At the present time, the Supreme Court has not ruled on whether they will take the case. But, in a positive sign, they did grant the request to shorten the response time. (The response is due on Wednesday as opposed to the normal time limit which would have allowed Trump to sit on his hands until early January.) At the very least, the Supreme Court’s order reflects an understanding that there is a narrow time frame and that the normal rules would prejudice the ability to resolve this case before the election. While the Supreme Court is not in session, the justices are always accessible, and I would not be surprised if the Supreme Court issues an order either accepting or denying review before the end of the month.

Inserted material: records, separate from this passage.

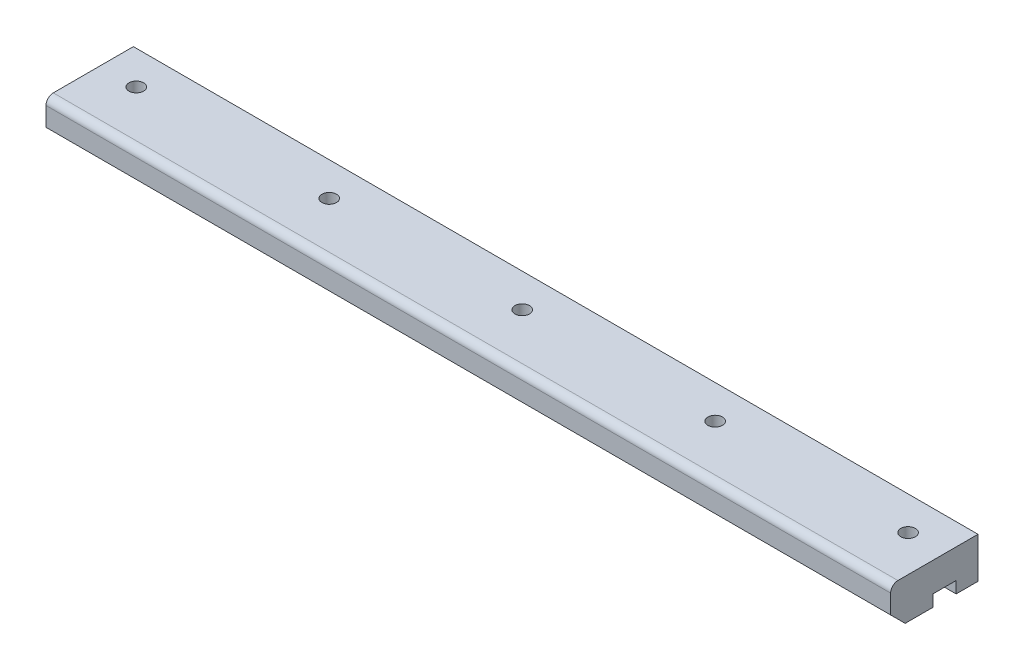
SolidWorks part; units mm, degrees
material "Plain Carbon Steel"
ref_plane "Front Plane" through (0, 0, 0) normal (0, 0, 1) x (1, 0, 0)
ref_plane "Top Plane" through (0, 0, 0) normal (0, 1, 0) x (1, 0, 0)
ref_plane "Right Plane" through (0, 0, 0) normal (1, 0, 0) x (0, 0, -1)
sketch "Rail Profile Sketch" plane through (0, 0, 0) normal (1, 0, 0) x (0, 0, -1)
  line L0 (-30, 10) -> (-30, 23)
  line L1 (-25, 28) -> (30, 28)
  line L2 (30, 28) -> (30, 0)
  line L3 (30, 0) -> (15, 0)
  line L4 (15, 0) -> (15, 8)
  line L5 (15, 8) -> (-1, 8)
  line L6 (-1, 8) -> (-1, 0)
  line L7 (-1, 0) -> (-20, 0)
  line L8 (0, 0) -> (0, 79.1227) construction
  line L9 (-20, 0) -> (-30, 10)
  arc A0 (-25, 28) -> (-30, 23) centre (-25, 23) ccw
  point P0 (-30, 0)
  point P15 (-30, 28)
  dimension "D6" = 5
  dimension "D1" = 60
  dimension "D2" = 28
  dimension "D3" = 8
  dimension "D4" = 15
  dimension "D5" = 16
extrude "Rail Body 580" add sketch "Rail Profile Sketch" along normal blind 580
sketch "Mounting Holes Sketch" plane through (0, 28, 0) normal (0, 1, 0) x (1, 0, 0)
  line L0 (0, 30) -> (0, -25) construction
  line L1 (580, 30) -> (0, 30) construction
  circle A0 centre (25, 7) radius 5
  circle A1 centre (157.5, 7) radius 5
  circle A2 centre (290, 7) radius 5
  circle A3 centre (422.5, 7) radius 5
  circle A4 centre (555, 7) radius 5
  dimension "D1" = 10
  dimension "D2" = 25
  dimension "D3" = 23
  dimension "D4" = 132.5
  dimension "D5" = 132.5
  dimension "D6" = 132.5
  dimension "D7" = 132.5
extrude "Mounting Holes 5xØ10" cut sketch "Mounting Holes Sketch" against normal blind 580
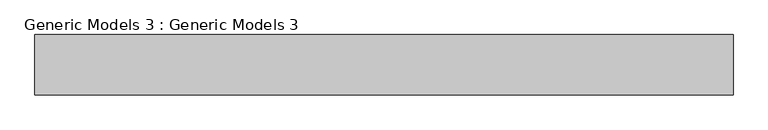
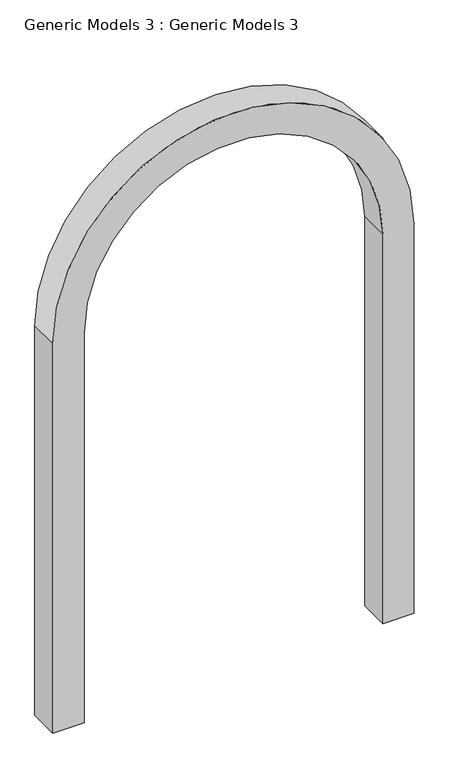
"""IFC4 building model written with IfcOpenShell, lengths in millimetres: proxy geometry, Generic Models 3 : Generic Models 3."""

from ifc_helpers import new_model, si_unit, point, frame, frame_2d, origin, place, context, project, spatial, polyline, circle_curve, trimmed, segment, composite_curve, outline, extrude, source, transform, mapped, element, save


def generic_models_3_generic_models_3_7bb868d1(model_context):
    return source(origin(), model_context, "Body", "SweptSolid", [
        extrude(outline(composite_curve([segment(trimmed(circle_curve(frame_2d((5031.4, -4097.4482439)), 609.6), [point((5031.4, -4707.0482439))], [point((5031.4, -3487.8482439))], True, "CARTESIAN"), True, "CONTINUOUS"), segment(polyline([(5031.4, -3487.8482439), (3352.8, -3487.8482439), (3352.8, -3360.8482439), (5031.4, -3360.8482439)]), True, "CONTINUOUS"), segment(trimmed(circle_curve(frame_2d((5031.4, -4097.4482439)), 736.6), [point((5031.4, -3360.8482439))], [point((5031.4, -4834.0482439))], False, "CARTESIAN"), True, "CONTINUOUS"), segment(polyline([(5031.4, -4834.0482439), (3352.8, -4834.0482439), (3352.8, -4707.0482439), (5031.4, -4707.0482439)]), True, "CONTINUOUS")], self_intersect=False)), frame((0.0, -5849.5827462, 0.0), z_axis=(0.0, 1.0, 0.0), x_axis=(0.0, 0.0, 1.0)), (0.0, 0.0, 1.0), 127.0),
    ])


if __name__ == "__main__":
    model = new_model("IFC4")
    model_context = context("Model", 3, world=origin())
    ifc_project = project(units=[si_unit("LENGTHUNIT", "METRE", prefix="MILLI")], contexts=[model_context])
    site = spatial("IfcSite", under=ifc_project)
    building = spatial("IfcBuilding", under=site)
    placement = place(None, origin())
    generic_models_3_generic_models_3_shape = generic_models_3_generic_models_3_7bb868d1(model_context)
    element("IfcBuildingElementProxy", 1, Name="Generic Models 3 : Generic Models 3", ObjectType="Generic Models 3 : Generic Models 3", at=placement, inside=building, context=model_context, shape_type="MappedRepresentation", body=[
        mapped(generic_models_3_generic_models_3_shape, transform((0.0, 0.0, 0.0), x_axis=(1.0, 0.0, 0.0), y_axis=(0.0, 1.0, 0.0), z_axis=(0.0, 0.0, 1.0))),
    ])
    save(model, "model.ifc")

# Revit data of these elements
# Element 1 (IfcBuildingElementProxy, "Generic Models 3 : Generic Models 3")
#   Materials on its faces: "BLACK"
# Materials
#   "BLACK": class "Generic", colour RGB 120 120 120, transparency 0, Cost = 0

If the Supreme Court accepts review, I would also not be surprised if they dramatically shortened the briefing schedule to permit argument before the end of January. with a quick ruling. While a March trial date is starting to look unlikely, an April trial date is still viable which would permit a verdict before the Republican convention (so that the Republicans can pick a different candidate).
In short, the past two weeks have dramatically increased the stakes for the second half of this year’s Supreme Court term. Abortion and democracy are now on the docket and how the justices rule could impact the November elections.